With China and South Korea announcing the completion of free-trade agreement negotiations earlier this month, Taiwan faces even greater pressure to maintain the competitiveness of its trade. The government is again urging the legislature to pass a bill on an oversight mechanism for cross-strait agreements and to approve the cross-strait agreements on trade in services and goods.
However, all it has done is talk without taking any action to achieve this. Perhaps it is considering dealing first with the issue of establishing free economic pilot zones, which it can do unilaterally.
Taiwan is not the first country to attempt to use free economic zones to attract foreign investment. Examples can be found in South Korea and Japan — some of which were successful while others were not. Taiwan has been planning such zones for years, but the legislature is still reviewing the plan. It is clear that the nation has failed to keep up with global economic and trade development trends or the speed of regional business integration.
The draft special act governing the proposed free economic pilot zones is under review by the legislature’s Economics Committee, and confrontation between the pan-blue and pan-green camps seems inevitable. People from all sides are now suggesting that the controversy over the bill must come to an end and that it is time to come to a decision.
Perhaps the government should pay attention to recommendations that it exclude some of the more controversial sectors, such as international healthcare services and value-added agriculture, and pass less controversial industries. If it worked hard to promote the success of the free economic zones, other businesses might ask to be included. At that time, the special act could be amended to add other categories and public demand would stop the opposition from blocking their inclusion.
If the Chinese Nationalist Party (KMT) government believes that the draft bill is complete and beneficial to the nation, it should ignore the opposition’s obstruction and take resolute action to pass the special act using its legislative majority.
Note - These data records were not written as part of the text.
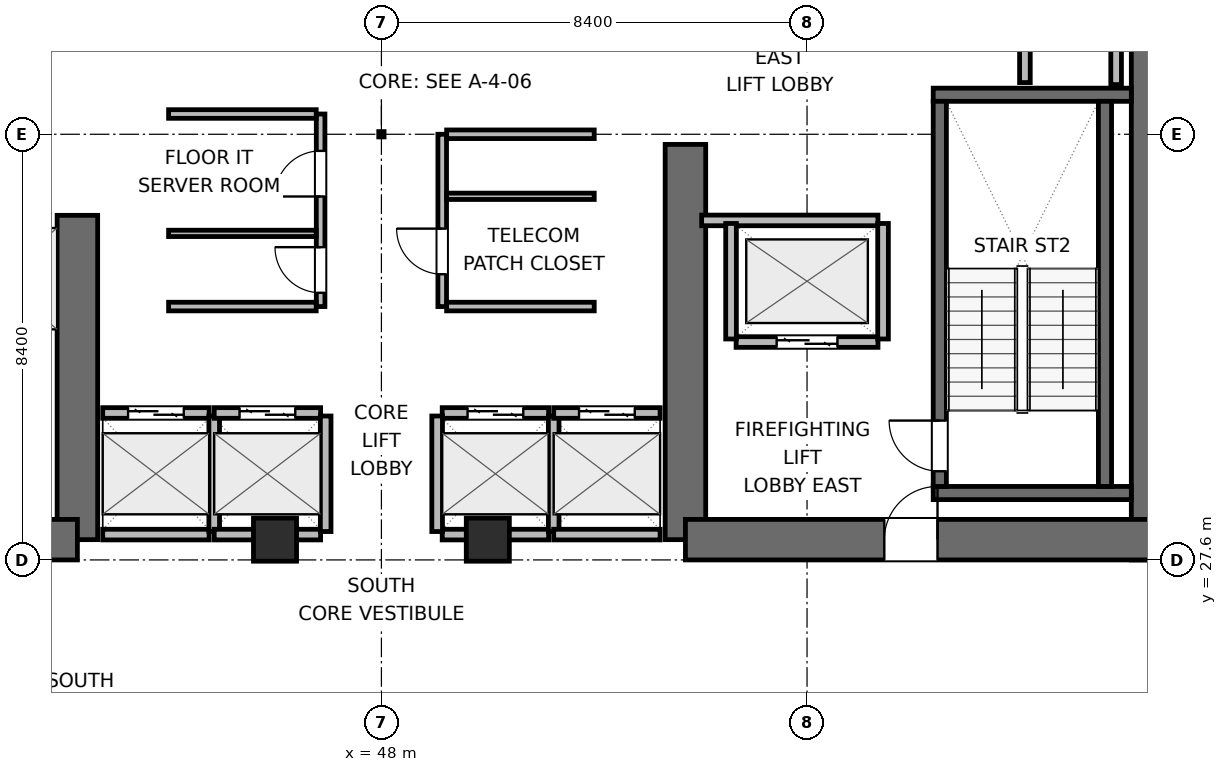
"""IFC4 building model, lengths in metres.
Left out: names, types, materials, properties, quantities, classifications, styles, units other than length and angle.
Written with IfcOpenShell. Run it as: python <this file> out.ifc"""

import sys

from ifc_helpers import new_model, si_unit, direction, frame, frame_2d, origin, origin_2d, place, context, subcontext, project, spatial, rectangle, extrude, element, fill, save


model = new_model("IFC4")
c1 = context("Model", 3, precision=1e-05, world=origin(), true_north=direction((0.0, 1.0)))
c2 = subcontext(c1, "Body", "Model", "MODEL_VIEW")
j1 = project(units=[si_unit("LENGTHUNIT", "METRE"), si_unit("PLANEANGLEUNIT", "RADIAN")], contexts=[c1])
p1 = place(None, origin())
s1 = spatial("IfcSite", under=j1, at=p1, CompositionType="ELEMENT")
p2 = place(p1, origin())
s2 = spatial("IfcBuilding", under=s1, at=p2, CompositionType="ELEMENT")
p3 = place(p2, frame((0.0, 0.0, 97.5)))
s3 = spatial("IfcBuildingStorey", under=s2, at=p3, CompositionType="ELEMENT", Elevation=97.5)
p4 = place(p3, frame((42.0, 28.0, 0.0), z_axis=(0.0, 0.0, 1.0), x_axis=(0.0, 1.0, 0.0)))
e1 = element("IfcWall", 1, at=p4, inside=s3, PredefinedType="SHEAR", context=c2, shape_type="SweptSolid", body=[
    extrude(rectangle(XDim=6.4, YDim=0.8, at=frame_2d((3.2, 0.0))), origin(), (0.0, 0.0, 1.0), 3.9),
])
p5 = place(p3, frame((32.8, 28.0, 0.0), z_axis=(0.0, 0.0, 1.0), x_axis=(1.0, 0.0, 0.0)))
e2 = element("IfcWall", 2, at=p5, inside=s3, PredefinedType="SHEAR", context=c2, shape_type="SweptSolid", body=[
    extrude(rectangle(XDim=9.2, YDim=0.8, at=frame_2d((4.6, 0.0))), origin(), (0.0, 0.0, 1.0), 3.9),
])
p6 = place(p5, frame((4.975, 0.0, 0.0)))
e3 = element("IfcOpeningElement", 3, at=p6, cuts=e2, PredefinedType="OPENING", context=c2, shape_type="SweptSolid", body=[
    extrude(rectangle(XDim=1.05, YDim=2.04, at=frame_2d((0.525, 1.02))), frame((0.0, 0.41, 0.0), z_axis=(0.0, -1.0, 0.0), x_axis=(1.0, 0.0, 0.0)), (0.0, 0.0, 1.0), 0.82),
])
p7 = place(p3, frame((54.0, 28.0, 0.0), z_axis=(0.0, 0.0, 1.0), x_axis=(0.0, 1.0, 0.0)))
e4 = element("IfcWall", 4, at=p7, inside=s3, PredefinedType="SHEAR", context=c2, shape_type="SweptSolid", body=[
    extrude(rectangle(XDim=7.8, YDim=0.8, at=frame_2d((3.9, 0.0))), origin(), (0.0, 0.0, 1.0), 3.9),
])
p8 = place(p3, frame((63.2, 27.6, 0.0), z_axis=(0.0, 0.0, 1.0), x_axis=(0.0, 1.0, 0.0)))
e5 = element("IfcWall", 5, at=p8, inside=s3, PredefinedType="SHEAR", context=c2, shape_type="SweptSolid", body=[
    extrude(rectangle(XDim=16.8, YDim=0.8, at=frame_2d((8.4, 0.0))), origin(), (0.0, 0.0, 1.0), 3.9),
])
p9 = place(p3, frame((54.0, 28.0, 0.0), z_axis=(0.0, 0.0, 1.0), x_axis=(1.0, 0.0, 0.0)))
e6 = element("IfcWall", 6, at=p9, inside=s3, PredefinedType="SHEAR", context=c2, shape_type="SweptSolid", body=[
    extrude(rectangle(XDim=9.2, YDim=0.8, at=frame_2d((4.6, 0.0))), origin(), (0.0, 0.0, 1.0), 3.9),
])
p10 = place(p9, frame((3.925, 0.0, 0.0)))
e7 = element("IfcOpeningElement", 7, at=p10, cuts=e6, PredefinedType="OPENING", context=c2, shape_type="SweptSolid", body=[
    extrude(rectangle(XDim=1.05, YDim=2.04, at=frame_2d((0.525, 1.02))), frame((0.0, 0.41, 0.0), z_axis=(0.0, -1.0, 0.0), x_axis=(1.0, 0.0, 0.0)), (0.0, 0.0, 1.0), 0.82),
])
for number, where, z_axis, x_axis in (
    (8, (58.89, 28.92, 0.0), (0.0, 0.0, 1.0), (1.0, 0.0, 0.0)),
    (9, (58.89, 36.78, 0.0), (0.0, 0.0, 1.0), (1.0, 0.0, 0.0)),
):
    element("IfcWall", number, at=place(p3, frame(where, z_axis=z_axis, x_axis=x_axis)), inside=s3, PredefinedType="SHEAR", context=c2, shape_type="SweptSolid", body=[
        extrude(rectangle(XDim=3.91, YDim=0.26, at=frame_2d((1.955, 0.0))), origin(), (0.0, 0.0, 1.0), 3.9),
    ])
p11 = place(p3, frame((59.02, 29.05, 0.0), z_axis=(0.0, 0.0, 1.0), x_axis=(0.0, 1.0, 0.0)))
e10 = element("IfcWall", 10, at=p11, inside=s3, PredefinedType="SHEAR", context=c2, shape_type="SweptSolid", body=[
    extrude(rectangle(XDim=7.6, YDim=0.26, at=frame_2d((3.8, 0.0))), origin(), (0.0, 0.0, 1.0), 3.9),
])
p12 = place(p11, frame((0.3, 0.0, 0.0)))
e11 = element("IfcOpeningElement", 11, at=p12, cuts=e10, PredefinedType="OPENING", context=c2, shape_type="SweptSolid", body=[
    extrude(rectangle(XDim=1.0, YDim=2.04, at=frame_2d((0.5, 1.02))), frame((0.0, 0.14, 0.0), z_axis=(0.0, -1.0, 0.0), x_axis=(1.0, 0.0, 0.0)), (0.0, 0.0, 1.0), 0.28),
])
p13 = place(p3, frame((62.28, 29.05, 0.0), z_axis=(0.0, 0.0, 1.0), x_axis=(0.0, 1.0, 0.0)))
e12 = element("IfcWall", 12, at=p13, inside=s3, PredefinedType="SHEAR", context=c2, shape_type="SweptSolid", body=[
    extrude(rectangle(XDim=7.6, YDim=0.26, at=frame_2d((3.8, 0.0))), origin(), (0.0, 0.0, 1.0), 3.9),
])
for number, where, z_axis, x_axis in (
    (13, (45.9, 28.0, 0.0), (0.0, 0.0, 1.0), (1.0, 0.0, 0.0)),
    (14, (50.1, 28.0, 0.0), (0.0, 0.0, 1.0), (1.0, 0.0, 0.0)),
):
    element("IfcColumn", number, at=place(p3, frame(where, z_axis=z_axis, x_axis=x_axis)), inside=s3, PredefinedType="COLUMN", context=c2, shape_type="SweptSolid", body=[
        extrude(rectangle(XDim=0.85, YDim=0.85, at=origin_2d()), origin(), (0.0, 0.0, 1.0), 3.9),
    ])
p14 = place(p3, frame((60.7, 37.02, 0.0), z_axis=(0.0, 0.0, 1.0), x_axis=(0.0, 1.0, 0.0)))
e15 = element("IfcWall", 15, at=p14, inside=s3, PredefinedType="PARTITIONING", context=c2, shape_type="SweptSolid", body=[
    extrude(rectangle(XDim=1.96, YDim=0.21, at=frame_2d((0.98, 0.0))), origin(), (0.0, 0.0, 1.0), 3.64),
])
p15 = place(p3, frame((62.5, 36.98, 0.0), z_axis=(0.0, 0.0, 1.0), x_axis=(0.0, 1.0, 0.0)))
e16 = element("IfcWall", 16, at=p15, inside=s3, PredefinedType="PARTITIONING", context=c2, shape_type="SweptSolid", body=[
    extrude(rectangle(XDim=2.04, YDim=0.21, at=frame_2d((1.02, 0.0))), origin(), (0.0, 0.0, 1.0), 3.64),
])
p16 = place(p3, frame((55.0, 31.9, 0.0), z_axis=(0.0, 0.0, 1.0), x_axis=(1.0, 0.0, 0.0)))
e17 = element("IfcWall", 17, at=p16, inside=s3, PredefinedType="PARTITIONING", context=c2, shape_type="SweptSolid", body=[
    extrude(rectangle(XDim=2.8, YDim=0.21, at=frame_2d((1.4, 0.0))), origin(), (0.0, 0.0, 1.0), 3.64),
])
p17 = place(p16, frame((0.8, 0.0, 0.0)))
e18 = element("IfcOpeningElement", 18, at=p17, cuts=e17, PredefinedType="OPENING", context=c2, shape_type="SweptSolid", body=[
    extrude(rectangle(XDim=1.2, YDim=2.04, at=frame_2d((0.6, 1.02))), frame((0.0, 0.115, 0.0), z_axis=(0.0, -1.0, 0.0), x_axis=(1.0, 0.0, 0.0)), (0.0, 0.0, 1.0), 0.23),
])
p18 = place(p3, frame((54.32, 34.3, 0.0), z_axis=(0.0, 0.0, 1.0), x_axis=(1.0, 0.0, 0.0)))
e19 = element("IfcWall", 19, at=p18, inside=s3, PredefinedType="PARTITIONING", context=c2, shape_type="SweptSolid", body=[
    extrude(rectangle(XDim=3.48, YDim=0.21, at=frame_2d((1.74, 0.0))), origin(), (0.0, 0.0, 1.0), 3.64),
])
for number, where, z_axis, x_axis in (
    (20, (54.9, 31.96, 0.0), (0.0, 0.0, 1.0), (0.0, 1.0, 0.0)),
    (21, (57.9, 31.96, 0.0), (0.0, 0.0, 1.0), (0.0, 1.0, 0.0)),
):
    element("IfcWall", number, at=place(p3, frame(where, z_axis=z_axis, x_axis=x_axis)), inside=s3, PredefinedType="PARTITIONING", context=c2, shape_type="SweptSolid", body=[
        extrude(rectangle(XDim=2.28, YDim=0.21, at=frame_2d((1.14, 0.0))), origin(), (0.0, 0.0, 1.0), 3.64),
    ])
p19 = place(p3, frame((42.5, 30.5, 0.0), z_axis=(0.0, 0.0, 1.0), x_axis=(1.0, 0.0, 0.0)))
e22 = element("IfcWall", 22, at=p19, inside=s3, PredefinedType="PARTITIONING", context=c2, shape_type="SweptSolid", body=[
    extrude(rectangle(XDim=2.1, YDim=0.21, at=frame_2d((1.05, 0.0))), origin(), (0.0, 0.0, 1.0), 3.64),
])
p20 = place(p19, frame((0.5, 0.0, 0.0)))
e23 = element("IfcOpeningElement", 23, at=p20, cuts=e22, PredefinedType="OPENING", context=c2, shape_type="SweptSolid", body=[
    extrude(rectangle(XDim=1.1, YDim=2.04, at=frame_2d((0.55, 1.02))), frame((0.0, 0.115, 0.0), z_axis=(0.0, -1.0, 0.0), x_axis=(1.0, 0.0, 0.0)), (0.0, 0.0, 1.0), 0.23),
])
p21 = place(p3, frame((42.5, 28.1, 0.0), z_axis=(0.0, 0.0, 1.0), x_axis=(1.0, 0.0, 0.0)))
e24 = element("IfcWall", 24, at=p21, inside=s3, PredefinedType="PARTITIONING", context=c2, shape_type="SweptSolid", body=[
    extrude(rectangle(XDim=2.1, YDim=0.21, at=frame_2d((1.05, 0.0))), origin(), (0.0, 0.0, 1.0), 2.525),
])
p22 = place(p3, frame((44.7, 28.16, 0.0), z_axis=(0.0, 0.0, 1.0), x_axis=(0.0, 1.0, 0.0)))
e25 = element("IfcWall", 25, at=p22, inside=s3, PredefinedType="PARTITIONING", context=c2, shape_type="SweptSolid", body=[
    extrude(rectangle(XDim=2.28, YDim=0.21, at=frame_2d((1.14, 0.0))), origin(), (0.0, 0.0, 1.0), 3.64),
])
p23 = place(p3, frame((44.7, 30.5, 0.0), z_axis=(0.0, 0.0, 1.0), x_axis=(1.0, 0.0, 0.0)))
e26 = element("IfcWall", 26, at=p23, inside=s3, PredefinedType="PARTITIONING", context=c2, shape_type="SweptSolid", body=[
    extrude(rectangle(XDim=2.1, YDim=0.21, at=frame_2d((1.05, 0.0))), origin(), (0.0, 0.0, 1.0), 3.64),
])
p24 = place(p23, frame((0.5, 0.0, 0.0)))
e27 = element("IfcOpeningElement", 27, at=p24, cuts=e26, PredefinedType="OPENING", context=c2, shape_type="SweptSolid", body=[
    extrude(rectangle(XDim=1.1, YDim=2.04, at=frame_2d((0.55, 1.02))), frame((0.0, 0.115, 0.0), z_axis=(0.0, -1.0, 0.0), x_axis=(1.0, 0.0, 0.0)), (0.0, 0.0, 1.0), 0.23),
])
p25 = place(p3, frame((44.7, 28.1, 0.0), z_axis=(0.0, 0.0, 1.0), x_axis=(1.0, 0.0, 0.0)))
e28 = element("IfcWall", 28, at=p25, inside=s3, PredefinedType="PARTITIONING", context=c2, shape_type="SweptSolid", body=[
    extrude(rectangle(XDim=2.1, YDim=0.21, at=frame_2d((1.05, 0.0))), origin(), (0.0, 0.0, 1.0), 2.525),
])
p26 = place(p3, frame((46.9, 28.16, 0.0), z_axis=(0.0, 0.0, 1.0), x_axis=(0.0, 1.0, 0.0)))
e29 = element("IfcWall", 29, at=p26, inside=s3, PredefinedType="PARTITIONING", context=c2, shape_type="SweptSolid", body=[
    extrude(rectangle(XDim=2.28, YDim=0.21, at=frame_2d((1.14, 0.0))), origin(), (0.0, 0.0, 1.0), 3.64),
])
p27 = place(p3, frame((49.2, 30.5, 0.0), z_axis=(0.0, 0.0, 1.0), x_axis=(1.0, 0.0, 0.0)))
e30 = element("IfcWall", 30, at=p27, inside=s3, PredefinedType="PARTITIONING", context=c2, shape_type="SweptSolid", body=[
    extrude(rectangle(XDim=2.1, YDim=0.21, at=frame_2d((1.05, 0.0))), origin(), (0.0, 0.0, 1.0), 3.64),
])
p28 = place(p27, frame((0.5, 0.0, 0.0)))
e31 = element("IfcOpeningElement", 31, at=p28, cuts=e30, PredefinedType="OPENING", context=c2, shape_type="SweptSolid", body=[
    extrude(rectangle(XDim=1.1, YDim=2.04, at=frame_2d((0.55, 1.02))), frame((0.0, 0.115, 0.0), z_axis=(0.0, -1.0, 0.0), x_axis=(1.0, 0.0, 0.0)), (0.0, 0.0, 1.0), 0.23),
])
p29 = place(p3, frame((49.2, 28.1, 0.0), z_axis=(0.0, 0.0, 1.0), x_axis=(1.0, 0.0, 0.0)))
e32 = element("IfcWall", 32, at=p29, inside=s3, PredefinedType="PARTITIONING", context=c2, shape_type="SweptSolid", body=[
    extrude(rectangle(XDim=2.1, YDim=0.21, at=frame_2d((1.05, 0.0))), origin(), (0.0, 0.0, 1.0), 2.525),
])
for number, where, z_axis, x_axis in (
    (33, (49.1, 28.16, 0.0), (0.0, 0.0, 1.0), (0.0, 1.0, 0.0)),
    (34, (51.4, 28.16, 0.0), (0.0, 0.0, 1.0), (0.0, 1.0, 0.0)),
):
    element("IfcWall", number, at=place(p3, frame(where, z_axis=z_axis, x_axis=x_axis)), inside=s3, PredefinedType="PARTITIONING", context=c2, shape_type="SweptSolid", body=[
        extrude(rectangle(XDim=2.28, YDim=0.21, at=frame_2d((1.14, 0.0))), origin(), (0.0, 0.0, 1.0), 3.64),
    ])
p30 = place(p3, frame((51.4, 30.5, 0.0), z_axis=(0.0, 0.0, 1.0), x_axis=(1.0, 0.0, 0.0)))
e35 = element("IfcWall", 35, at=p30, inside=s3, PredefinedType="PARTITIONING", context=c2, shape_type="SweptSolid", body=[
    extrude(rectangle(XDim=2.1, YDim=0.21, at=frame_2d((1.05, 0.0))), origin(), (0.0, 0.0, 1.0), 3.64),
])
p31 = place(p30, frame((0.5, 0.0, 0.0)))
e36 = element("IfcOpeningElement", 36, at=p31, cuts=e35, PredefinedType="OPENING", context=c2, shape_type="SweptSolid", body=[
    extrude(rectangle(XDim=1.1, YDim=2.04, at=frame_2d((0.55, 1.02))), frame((0.0, 0.115, 0.0), z_axis=(0.0, -1.0, 0.0), x_axis=(1.0, 0.0, 0.0)), (0.0, 0.0, 1.0), 0.23),
])
p32 = place(p3, frame((51.4, 28.1, 0.0), z_axis=(0.0, 0.0, 1.0), x_axis=(1.0, 0.0, 0.0)))
e37 = element("IfcWall", 37, at=p32, inside=s3, PredefinedType="PARTITIONING", context=c2, shape_type="SweptSolid", body=[
    extrude(rectangle(XDim=2.1, YDim=0.21, at=frame_2d((1.05, 0.0))), origin(), (0.0, 0.0, 1.0), 2.525),
])
p33 = place(p3, frame((46.8, 32.6, 0.0), z_axis=(0.0, 0.0, 1.0), x_axis=(0.0, 1.0, 0.0)))
e38 = element("IfcWall", 38, at=p33, inside=s3, PredefinedType="PARTITIONING", context=c2, shape_type="SweptSolid", body=[
    extrude(rectangle(XDim=3.8, YDim=0.17, at=frame_2d((1.9, 0.0))), origin(), (0.0, 0.0, 1.0), 3.64),
])
p34 = place(p33, frame((0.272, 0.0, 0.0)))
e39 = element("IfcOpeningElement", 39, at=p34, cuts=e38, PredefinedType="OPENING", context=c2, shape_type="SweptSolid", body=[
    extrude(rectangle(XDim=0.9, YDim=2.02, at=frame_2d((0.45, 1.01))), frame((0.0, 0.095, 0.0), z_axis=(0.0, -1.0, 0.0), x_axis=(1.0, 0.0, 0.0)), (0.0, 0.0, 1.0), 0.19),
])
p35 = place(p33, frame((2.172, 0.0, 0.0)))
e40 = element("IfcOpeningElement", 40, at=p35, cuts=e38, PredefinedType="OPENING", context=c2, shape_type="SweptSolid", body=[
    extrude(rectangle(XDim=0.9, YDim=2.02, at=frame_2d((0.45, 1.01))), frame((0.0, 0.095, 0.0), z_axis=(0.0, -1.0, 0.0), x_axis=(1.0, 0.0, 0.0)), (0.0, 0.0, 1.0), 0.19),
])
for number, where, z_axis, x_axis in (
    (41, (43.8, 32.6, 0.0), (0.0, 0.0, 1.0), (1.0, 0.0, 0.0)),
    (42, (43.8, 36.4, 0.0), (0.0, 0.0, 1.0), (1.0, 0.0, 0.0)),
):
    element("IfcWall", number, at=place(p3, frame(where, z_axis=z_axis, x_axis=x_axis)), inside=s3, PredefinedType="PARTITIONING", context=c2, shape_type="SweptSolid", body=[
        extrude(rectangle(XDim=2.913, YDim=0.17, at=frame_2d((1.457, 0.0))), origin(), (0.0, 0.0, 1.0), 3.64),
    ])
p36 = place(p3, frame((43.8, 34.044, 0.0), z_axis=(0.0, 0.0, 1.0), x_axis=(1.0, 0.0, 0.0)))
e43 = element("IfcWall", 43, at=p36, inside=s3, PredefinedType="PARTITIONING", context=c2, shape_type="SweptSolid", body=[
    extrude(rectangle(XDim=2.913, YDim=0.125, at=frame_2d((1.457, 0.0))), origin(), (0.0, 0.0, 1.0), 3.64),
])
p37 = place(p3, frame((49.2, 32.6, 0.0), z_axis=(0.0, 0.0, 1.0), x_axis=(0.0, 1.0, 0.0)))
e44 = element("IfcWall", 44, at=p37, inside=s3, PredefinedType="PARTITIONING", context=c2, shape_type="SweptSolid", body=[
    extrude(rectangle(XDim=3.4, YDim=0.17, at=frame_2d((1.7, 0.0))), origin(), (0.0, 0.0, 1.0), 3.64),
])
p38 = place(p37, frame((0.638, 0.0, 0.0)))
e45 = element("IfcOpeningElement", 45, at=p38, cuts=e44, PredefinedType="OPENING", context=c2, shape_type="SweptSolid", body=[
    extrude(rectangle(XDim=0.9, YDim=2.02, at=frame_2d((0.45, 1.01))), frame((0.0, 0.095, 0.0), z_axis=(0.0, -1.0, 0.0), x_axis=(1.0, 0.0, 0.0)), (0.0, 0.0, 1.0), 0.19),
])
for number, where, z_axis, x_axis in (
    (46, (49.287, 32.6, 0.0), (0.0, 0.0, 1.0), (1.0, 0.0, 0.0)),
    (47, (49.287, 36.0, 0.0), (0.0, 0.0, 1.0), (1.0, 0.0, 0.0)),
):
    element("IfcWall", number, at=place(p3, frame(where, z_axis=z_axis, x_axis=x_axis)), inside=s3, PredefinedType="PARTITIONING", context=c2, shape_type="SweptSolid", body=[
        extrude(rectangle(XDim=2.913, YDim=0.17, at=frame_2d((1.457, 0.0))), origin(), (0.0, 0.0, 1.0), 3.64),
    ])
p39 = place(p3, frame((49.287, 34.776, 0.0), z_axis=(0.0, 0.0, 1.0), x_axis=(1.0, 0.0, 0.0)))
e48 = element("IfcWall", 48, at=p39, inside=s3, PredefinedType="PARTITIONING", context=c2, shape_type="SweptSolid", body=[
    extrude(rectangle(XDim=2.913, YDim=0.125, at=frame_2d((1.457, 0.0))), origin(), (0.0, 0.0, 1.0), 3.64),
])
p40 = place(p12, origin())
e49 = element("IfcDoor", 49, at=p40, inside=s3, OperationType="SINGLE_SWING_RIGHT", PredefinedType="DOOR", context=c2, shape_type="SweptSolid", body=[
    extrude(rectangle(XDim=1.0, YDim=2.04, at=frame_2d((0.5, 1.02))), frame((0.0, 0.025, 0.0), z_axis=(0.0, -1.0, 0.0), x_axis=(1.0, 0.0, 0.0)), (0.0, 0.0, 1.0), 0.05),
])
fill(e11, e49)
p41 = place(p17, origin())
e50 = element("IfcDoor", 50, at=p41, inside=s3, OperationType="DOUBLE_DOOR_SLIDING", PredefinedType="DOOR", context=c2, shape_type="SweptSolid", body=[
    extrude(rectangle(XDim=1.2, YDim=2.04, at=frame_2d((0.6, 1.02))), frame((0.0, 0.025, 0.0), z_axis=(0.0, -1.0, 0.0), x_axis=(1.0, 0.0, 0.0)), (0.0, 0.0, 1.0), 0.05),
])
fill(e18, e50)
p42 = place(p20, origin())
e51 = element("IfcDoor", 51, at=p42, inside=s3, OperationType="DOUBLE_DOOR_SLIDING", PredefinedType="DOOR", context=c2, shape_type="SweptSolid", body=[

It could then hold up its achievements in response to public scrutiny and at the same time deliver on its campaign promise of “total government, total responsibility.”
It should not pass responsibility for the delays to the opposition while doing nothing itself — the public is smart enough to see through that.
Another option is for the Legislative Yuan to return the draft bill to the Cabinet for revision, as many groups have suggested. Following the government’s inept handling of the recent adulterated cooking oil scandal, many believe that once the special act is passed, substandard raw materials would be able to enter the nation freely and unscrupulous manufacturers would seize the chance to do as they pleased.
If these manufacturers were to label their substandard products as “MIT” — Made in Taiwan — and sell them across the globe, they would hurt consumers both at home and abroad, and Taiwanese products would be banned internationally.
Passing the special act would also indirectly lift the ban on imports of 830 types of Chinese agricultural products, which would be a significant blow to the domestic agricultural industry. These fears are reasonable. How to provide substantial assistance to farmers, avoid endangering MIT products and promote value-added agriculture are key issues crucial to the development of the nation’s agricultural sector. The authorities should have prepared a full suite of complementary measures a long time ago and they should have explained these to the public and communicated with civic groups to gain their support.
Unfortunately, government agencies have been unwilling to face up to public scrutiny and have repeatedly avoided these questions. The deadlock is getting increasingly difficult to resolve, and this is not in the nation’s best interests.
The government must act quickly to address the problem. If civic groups force the draft bill to be dropped from the agenda or returned to the Cabinet, would this have a positive or negative impact on the nation’s economic development and standard of living? This is an issue that all Taiwanese must give some serious thought.
The establishment of free economic zones is not a zero-sum game, and both sides need the wisdom to compromise.
When it comes to the free economic pilot zone act, which is instrumental to economic development, the government should learn from past experience and stop ignoring public opinion or underestimating public anger. It should promptly make the right decision and take action aimed at winning back the public’s hearts and minds.
If the problem remains unresolved, President Ma Ying-jeou’s (馬英九) administration might collapse. Ma should display the determination becoming of a national leader.
Du Yu is chief executive officer of the Chen-Li Task Force for Agricultural Reform.